7. The apparatus of claim 1, wherein the isolator includes an outer circumferential surface that includes at least one wear pad.

8. The apparatus of claim 1, wherein the conveyance device is at least one of (i) a tubing, (ii) coiled tubing, (iii) drillpipe, (iv) wireline, (v) slickline, and (vi) electric line; and further comprising:

a fluid mover configured to supply the testing fluid to the testing volume via the conveyance device while the isolator moves axially through the wellbore tubular.

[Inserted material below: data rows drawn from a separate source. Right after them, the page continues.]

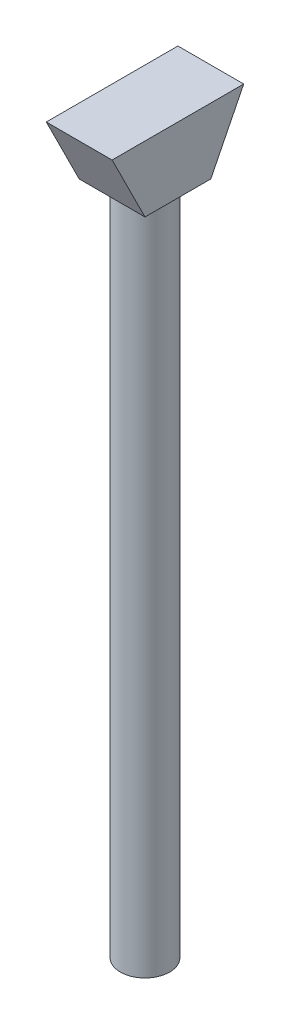
from build123d import *

# Parameters (mm, degrees)
SKETCH1_W               = 80
SKETCH1_H               = 40
BOSS_EXTRUDE1_DEPTH     = 20
CUT_EXTRUDE1_DEPTH      = 49.989794856
CUT_EXTRUDE1_DEPTH_BACK = 49.989794856
SKETCH3_R               = 15
BOSS_EXTRUDE2_DEPTH     = 410


with BuildPart() as part:
    # Sketch1 → Boss-Extrude1 (new, symmetric)
    with BuildSketch(Plane(origin=(0, 0, 0), x_dir=(0, 0, -1), z_dir=(1, 0, 0))):
        Rectangle(SKETCH1_W, SKETCH1_H)
    extrude(amount=BOSS_EXTRUDE1_DEPTH, both=True)

    # Sketch2 → Cut-Extrude1 (cut, two sides: drawn at the far end of the back side and taken through both)
    with BuildSketch(Plane(origin=(0, 0, 0), x_dir=(0, 0, -1), z_dir=(1, 0, 0)).offset(-CUT_EXTRUDE1_DEPTH_BACK)):
        Polygon((-40, 20), (-20, -20), (-40, -20), align=None)
        Polygon((40, 20), (40, -20), (20, -20), align=None)
    extrude(amount=CUT_EXTRUDE1_DEPTH + CUT_EXTRUDE1_DEPTH_BACK, mode=Mode.SUBTRACT)

    # Sketch3 → Boss-Extrude2 (add)
    with BuildSketch(Plane.XZ.offset(20)):
        with Locations(Location((0, 0, 0), (0, 0, 90))):
            Circle(SKETCH3_R)
    extrude(amount=BOSS_EXTRUDE2_DEPTH)


solid = part.part

9. The apparatus of claim 1, wherein the at least one pressure sensor includes at least one of: (i) a pressure sensor at a fluid mover supplying the testing fluid, (ii) a pressure sensor at a downhole location, (iii) a pressure sensor at a surface location, (iv) a pressure sensor sending signals to a surface location, and (v) a pressure sensor sending signals to a memory module located at the downhole location.

10. The apparatus of claim 1, further comprising a well treatment tool disposed along the conveyance device at a fixed distance to the testing volume.

11. The apparatus of claim 10, wherein the well treatment tool receives a treatment fluid via the flow bore.

12. The apparatus of claim 11, wherein the treatment fluid is a tracer, and wherein the well treatment tool comprises a tracer logging tool configured to measure a conductivity of at least one flow path in a treatment zone using the tracer.

13. The apparatus of 10, wherein the well treatment tool includes at least a pair of zone isolation members defining a treatment zone.

14. A method of performing a downhole operation, comprising:

forming a testing volume in a wellbore using an isolator, the testing volume being at least partially defined by an inner surface of a wellbore tubular, the isolator being separated from the inner surface by a predetermined clearance;

moving the testing volume along the wellbore;

supplying a testing fluid to the testing volume at least at a flow rate that generates a pressure variance indicating fluid flow into at least one flow path of the wellbore tubular while the testing volume is moving and while allowing a portion of the testing fluid to flow through the predetermined clearance; and

identifying a location of the at least one flow path by estimating a pressure of the testing fluid in the moving testing volume.

15. The method of claim 14, wherein the pressure indicative of a testing volume pressure is measured at at least one of: (i) a surface location, and (ii) a downhole location.

16. The method of claim 14, further comprising performing a well treatment operation after identifying the location of at least one flow path.

17. The method of claim 16, further comprising comparing the identified location with a well history before performing the well treatment operation.

18. The method of claim 16, wherein the well treatment operation is at least one of: (i) a hydraulic fracturing operation, (ii) a well stimulation operation, (iii) a well tracer injection operation, (iv) a well intervention operation, and (v) a well cleaning operation.

19. The method of claim 16, further comprising positioning a well treatment tool used during the well treatment operation with reference to the identified location.